Reaver(82)
“It would if you’re fallen and Reaver is—” He snapped his mouth shut so fast she heard his teeth crack.
She narrowed her gaze. “Reaver is… what?” When he waved away her question, she gave up trying to be civil. “Dammit, why are you here? If you’re going to kill me, do it already. And have the balls to do it yourself instead of hiding behind fucking darkmen.”
“Your time in Sheoul has wreaked havoc on your vocabulary.” Raphael stepped closer, a mountain of Heavenly menace. “You know why we had to send the darkmen. I didn’t want to, but you survived, you’re here now, and it’s over.”
He pressed forward, stalking her like a tiger, his gaze hungry and ruthless, and an alarm started clanging in her head. But before she could so much as think about flashing out of there, he was on her, backing her against the lone tree on the hilltop.
“What are you doing?” The quaver in her voice more than gave away her anxiety. She’d escaped one enemy just to land on the doorstep of another. She’d gone from the frying pan into the fire. From the claws of a Soulshredder into the jaws of a Gargantua.
She was racking up the clichés for trouble.
One hand slammed into the tree above her head, and the other gripped her shoulder in a bruising hold. Even at full strength, with all the power inherent to a fallen angel of her rank and genetics, she couldn’t escape him.
“I’m doing what I should have done a long time ago.” The archangel’s eyes flamed hot. There was no warning, no slow buildup. He slanted his mouth over hers.
Startled, Harvester went taut as Raphael pressed his big body against hers and savaged her mouth in a demanding, brutal kiss. Under normal circumstances, her response would be swift and lusty. But these weren’t normal circumstances by any means.
And Raphael was no Reaver.
Wedging her hands between them, she palmed his chest and shoved, breaking the kiss. “Don’t do this.”
“I am doing this. I’m claiming you.” He was so arrogant, so sure she’d fall under his spell.
She shoved him again, but he didn’t budge. “No one claims me.”
Except that wasn’t entirely true, was it? When she and Reaver had been in the Boregate, what he’d done to her had felt like a possession, and God help her, she thought maybe that was okay.
“You’re mine, Verrine.” Raphael’s voice throbbed with authority, the kind that made even high-ranking angels cower before him. “You should have been mine thousands of years ago, but you gave everything up for that loser Yenrieth.”
She inhaled sharply, a vicious stab of realization piercing her gut. “That’s why you didn’t want me to fall, isn’t it,” she said hoarsely. “It had nothing to do with the fact that you thought it was a crazy idea. You didn’t want me to go because you wanted me for yourself.”
How could she have been so blind? Raphael had been a rakish novice archangel at the time she and Yenrieth were in their training, and he’d made himself available to keep her company when Yenrieth was off either hunting minor demons or looking for a female with a warm bed.
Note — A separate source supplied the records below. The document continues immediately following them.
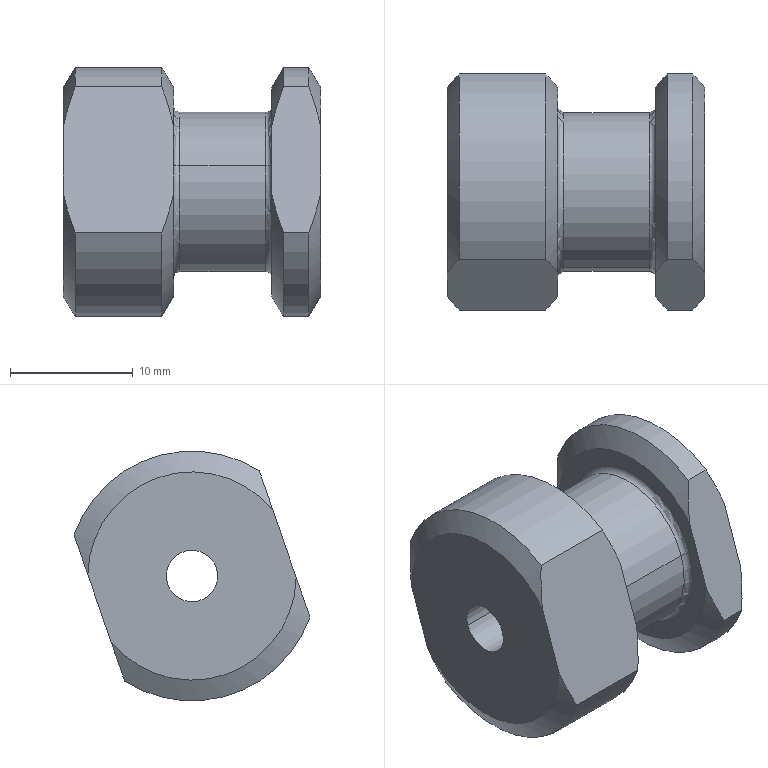Component | SolidWorks | 06-1111-1 | 1 solid | 28 faces | box 21 x 19.26 x 20.38 mm | volume 4401 mm3 | cylinder 8 | cone 8 | plane 8 | torus 4 | commonest cylinder face diameters 20.384 x4 4.2 x2 13 x2
build123d program:
from build123d import *

# Parameters (mm, degrees)
SKETCH2_OUTSIDE_W   = 29.518
SKETCH2_OUTSIDE_H   = 29.518
SKETCH2_OUTSIDE_W_2 = 16
SKETCH2_OUTSIDE_H_2 = 25
EXTRUDE1_DEPTH      = 22
M5_TAPPED_HOLE1_D   = 4.2


with BuildPart() as part:
    # Sketch1 → Revolve1 (revolve)
    with BuildSketch(Plane.XY, mode=Mode.PRIVATE) as revolve1_sk:
        with BuildLine():
            Line((0, 0), (0, 8.5))
            Line((0, 8.5), (0.9769, 10.192))
            Line((0.9769, 10.192), (3.023, 10.192))
            Line((3.023, 10.192), (4, 8.5))
            Line((4, 8.5), (4, 7))
            ThreePointArc((4, 7), (4.146, 6.646), (4.5, 6.5))
            Line((4.5, 6.5), (11.5, 6.5))
            ThreePointArc((11.5, 6.5), (11.854, 6.646), (12, 7))
            Line((12, 7), (12, 8.5))
            Line((12, 8.5), (12.977, 10.192))
            Line((12.977, 10.192), (20.023, 10.192))
            Line((20.023, 10.192), (21, 8.5))
            Line((21, 8.5), (21, 0))
            Line((21, 0), (0, 0))
        make_face()
    revolve(revolve1_sk.sketch.rotate(Axis((21, 0, 0), (-1, 0, 0)), 270), axis=Axis((21, 0, 0), (-1, 0, 0)))

    # Sketch2 outside → Extrude1 (cut)
    with BuildSketch(Plane(origin=(0, 0, 0), x_dir=(0, 0, -1), z_dir=(1, 0, 0))):
        Rectangle(SKETCH2_OUTSIDE_W, SKETCH2_OUTSIDE_H)
        Rectangle(SKETCH2_OUTSIDE_W_2, SKETCH2_OUTSIDE_H_2, mode=Mode.SUBTRACT)
    extrude(amount=EXTRUDE1_DEPTH, mode=Mode.SUBTRACT)

    # M5 Tapped Hole1 (through all)
    with Locations(Plane.ZY):
        with Locations((0, 0)):
            Hole(M5_TAPPED_HOLE1_D / 2)


solid = part.part

# Placed as in the assembly
solid = solid.moved(Location((-65, 24, -26), (-109.129, 0, 180)))
STEP:
#1=CARTESIAN_POINT('',(-3.386,0.8668,-0.9965));
#2=VERTEX_POINT('',#1);
#3=CARTESIAN_POINT('',(-3.386,1.023,-1.051));
#4=VERTEX_POINT('',#3);
#5=CARTESIAN_POINT('',(-3.386,0.9449,-1.024));
#6=DIRECTION('',(1.,0.,-0.));
#7=DIRECTION('',(0.,0.9448,-0.3277));
#8=AXIS2_PLACEMENT_3D('',#5,#6,#7);
#9=CIRCLE('',#8,0.08268);
#10=EDGE_CURVE('',#2,#4,#9,.T.);
#11=ORIENTED_EDGE('',*,*,#10,.F.);
#12=CARTESIAN_POINT('',(-2.559,0.8668,-0.9965));
#13=VERTEX_POINT('',#12);
#14=CARTESIAN_POINT('',(-2.559,0.8668,-0.9965));
#15=DIRECTION('',(1.,0.,-0.));
#16=VECTOR('',#15,39.37);
#17=LINE('',#14,#16);
#18=EDGE_CURVE('',#2,#13,#17,.T.);
#19=ORIENTED_EDGE('',*,*,#18,.T.);
#20=CARTESIAN_POINT('',(-2.559,1.023,-1.051));
#21=VERTEX_POINT('',#20);
#22=CARTESIAN_POINT('',(-2.559,0.9449,-1.024));
#23=DIRECTION('',(1.,0.,-0.));
#24=DIRECTION('',(0.,0.9448,-0.3277));
#25=AXIS2_PLACEMENT_3D('',#22,#23,#24);
#26=CIRCLE('',#25,0.08268);
#27=EDGE_CURVE('',#13,#21,#26,.T.);
#28=ORIENTED_EDGE('',*,*,#27,.T.);
#29=CARTESIAN_POINT('',(-2.559,1.023,-1.051));
#30=DIRECTION('',(1.,0.,-0.));
#31=VECTOR('',#30,39.37);
#32=LINE('',#29,#31);
#33=EDGE_CURVE('',#4,#21,#32,.T.);
#34=ORIENTED_EDGE('',*,*,#33,.F.);
#35=EDGE_LOOP('',(#11,#19,#28,#34));
#36=FACE_OUTER_BOUND('',#35,.T.);
#37=CARTESIAN_POINT('',(-2.559,0.9449,-1.024));
#38=DIRECTION('',(1.,0.,-0.));
#39=DIRECTION('',(0.,0.9448,-0.3277));
#40=AXIS2_PLACEMENT_3D('',#37,#38,#39);
#41=CYLINDRICAL_SURFACE('',#40,0.08268);
#42=ADVANCED_FACE('',(#36),#41,.F.);
#43=CARTESIAN_POINT('',(-2.717,0.6845,-0.9333));
#44=VERTEX_POINT('',#43);
#45=CARTESIAN_POINT('',(-2.717,1.205,-1.114));
#46=VERTEX_POINT('',#45);
#47=CARTESIAN_POINT('',(-2.717,0.9449,-1.024));
#48=DIRECTION('',(1.,0.,-0.));
#49=DIRECTION('',(0.,0.9448,-0.3277));
#50=AXIS2_PLACEMENT_3D('',#47,#48,#49);
#51=CIRCLE('',#50,0.2756);
#52=EDGE_CURVE('',#44,#46,#51,.T.);
#53=ORIENTED_EDGE('',*,*,#52,.F.);
#54=CARTESIAN_POINT('',(-2.736,0.7031,-0.9398));
#55=VERTEX_POINT('',#54);
#56=CARTESIAN_POINT('',(-2.736,0.6845,-0.9333));
#57=DIRECTION('',(0.,0.3277,0.9448));
#58=DIRECTION('',(0.,-0.9448,0.3277));
#59=AXIS2_PLACEMENT_3D('',#56,#57,#58);
#60=CIRCLE('',#59,0.01969);
#61=EDGE_CURVE('',#44,#55,#60,.T.);
#62=ORIENTED_EDGE('',*,*,#61,.T.);
#63=CARTESIAN_POINT('',(-2.736,1.187,-1.107));
#64=VERTEX_POINT('',#63);
#65=CARTESIAN_POINT('',(-2.736,0.9449,-1.024));
#66=DIRECTION('',(1.,0.,-0.));
#67=DIRECTION('',(0.,0.9448,-0.3277));
#68=AXIS2_PLACEMENT_3D('',#65,#66,#67);
#69=CIRCLE('',#68,0.2559);
#70=EDGE_CURVE('',#55,#64,#69,.T.);
#71=ORIENTED_EDGE('',*,*,#70,.T.);
#72=CARTESIAN_POINT('',(-2.736,1.205,-1.114));
#73=DIRECTION('',(-0.,-0.3277,-0.9448));
#74=DIRECTION('',(0.,0.9448,-0.3277));
#75=AXIS2_PLACEMENT_3D('',#72,#73,#74);
#76=CIRCLE('',#75,0.01969);
#77=EDGE_CURVE('',#46,#64,#76,.T.);
#78=ORIENTED_EDGE('',*,*,#77,.F.);
#79=EDGE_LOOP('',(#53,#62,#71,#78));
#80=FACE_OUTER_BOUND('',#79,.T.);
#81=CARTESIAN_POINT('',(-2.736,0.9449,-1.024));
#82=DIRECTION('',(1.,0.,-0.));
#83=DIRECTION('',(-0.,0.9448,-0.3277));
#84=AXIS2_PLACEMENT_3D('',#81,#82,#83);
#85=TOROIDAL_SURFACE('',#84,0.2756,0.01969);
#86=ADVANCED_FACE('',(#80),#85,.F.);
#87=CARTESIAN_POINT('',(-3.012,1.187,-1.107));
#88=VERTEX_POINT('',#87);
#89=CARTESIAN_POINT('',(-3.012,0.7031,-0.9398));
#90=VERTEX_POINT('',#89);
#91=CARTESIAN_POINT('',(-3.012,0.9449,-1.024));
#92=DIRECTION('',(1.,0.,-0.));
#93=DIRECTION('',(0.,0.9448,-0.3277));
#94=AXIS2_PLACEMENT_3D('',#91,#92,#93);
#95=CIRCLE('',#94,0.2559);
#96=EDGE_CURVE('',#88,#90,#95,.T.);
#97=ORIENTED_EDGE('',*,*,#96,.T.);
#98=CARTESIAN_POINT('',(-3.386,0.7031,-0.9398));
#99=DIRECTION('',(1.,0.,-0.));
#100=VECTOR('',#99,39.37);
#101=LINE('',#98,#100);
#102=EDGE_CURVE('',#90,#55,#101,.T.);
#103=ORIENTED_EDGE('',*,*,#102,.T.);
#104=CARTESIAN_POINT('',(-2.736,0.9449,-1.024));
#105=DIRECTION('',(1.,0.,-0.));
#106=DIRECTION('',(0.,0.9448,-0.3277));
#107=AXIS2_PLACEMENT_3D('',#104,#105,#106);
#108=CIRCLE('',#107,0.2559);
#109=EDGE_CURVE('',#64,#55,#108,.T.);
#110=ORIENTED_EDGE('',*,*,#109,.F.);
#111=CARTESIAN_POINT('',(-3.386,1.187,-1.107));
#112=DIRECTION('',(1.,0.,-0.));
#113=VECTOR('',#112,39.37);
#114=LINE('',#111,#113);
#115=EDGE_CURVE('',#88,#64,#114,.T.);
#116=ORIENTED_EDGE('',*,*,#115,.F.);
#117=EDGE_LOOP('',(#97,#103,#110,#116));
#118=FACE_OUTER_BOUND('',#117,.T.);
#119=CARTESIAN_POINT('',(-3.386,0.9449,-1.024));
#120=DIRECTION('',(1.,0.,-0.));
#121=DIRECTION('',(0.,0.9448,-0.3277));
#122=AXIS2_PLACEMENT_3D('',#119,#120,#121);
#123=CYLINDRICAL_SURFACE('',#122,0.2559);
#124=ADVANCED_FACE('',(#118),#123,.T.);
#125=CARTESIAN_POINT('',(-3.012,0.9449,-1.024));
#126=DIRECTION('',(1.,0.,-0.));
#127=DIRECTION('',(0.,0.9448,-0.3277));
#128=AXIS2_PLACEMENT_3D('',#125,#126,#127);
#129=CIRCLE('',#128,0.2559);
#130=EDGE_CURVE('',#90,#88,#129,.T.);
#131=ORIENTED_EDGE('',*,*,#130,.F.);
#132=CARTESIAN_POINT('',(-3.031,0.6845,-0.9333));
#133=VERTEX_POINT('',#132);
#134=CARTESIAN_POINT('',(-3.012,0.6845,-0.9333));
#135=DIRECTION('',(0.,0.3277,0.9448));
#136=DIRECTION('',(0.,-0.9448,0.3277));
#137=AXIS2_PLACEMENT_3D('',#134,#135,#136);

“He’ll never be faithful to you,” Raphael had said. “It’s not in his nature. Battle angels were bred to fight and breed more warriors. They’re soldiers. Dumb muscle. You need someone with brains, someone who can stand by your side for life and never look at another female.”
Like an idiot, she’d been too naive to recognize Raphael’s attempts to lure her into his own bed.
“Yes,” Raphael said. “I wanted you.” His smile was very cat-and-mouse, and she was the mouse. “And now I have you.”
“You don’t have me.” She tried to slip out from under him, but he blocked her with his body and tightened his grip on her shoulder. The sensation of being trapped left her struggling to breathe normally.
“But why now?” she asked, her mind racing to make sense of this. “It’s been almost five thousand years. You didn’t get over me in that much time?” Not that she had a lot of room to talk, given that she’d carried a torch for Yenrieth for just as long.
“Time runs differently in Heaven. You know that. It feels like yesterday, not centuries.”
He had a point. But she wasn’t going to acknowledge it. “You didn’t want me to be rescued. You wanted me to rot in Satan’s torture chambers. How can you claim to want me if you didn’t care that I was going to suffer and die?”
“I did care,” he said fiercely. “But leaving you there was for the greater good.”
“Funny how the greater good doesn’t feel so good when you’re the one with the hot poker in your bowels.”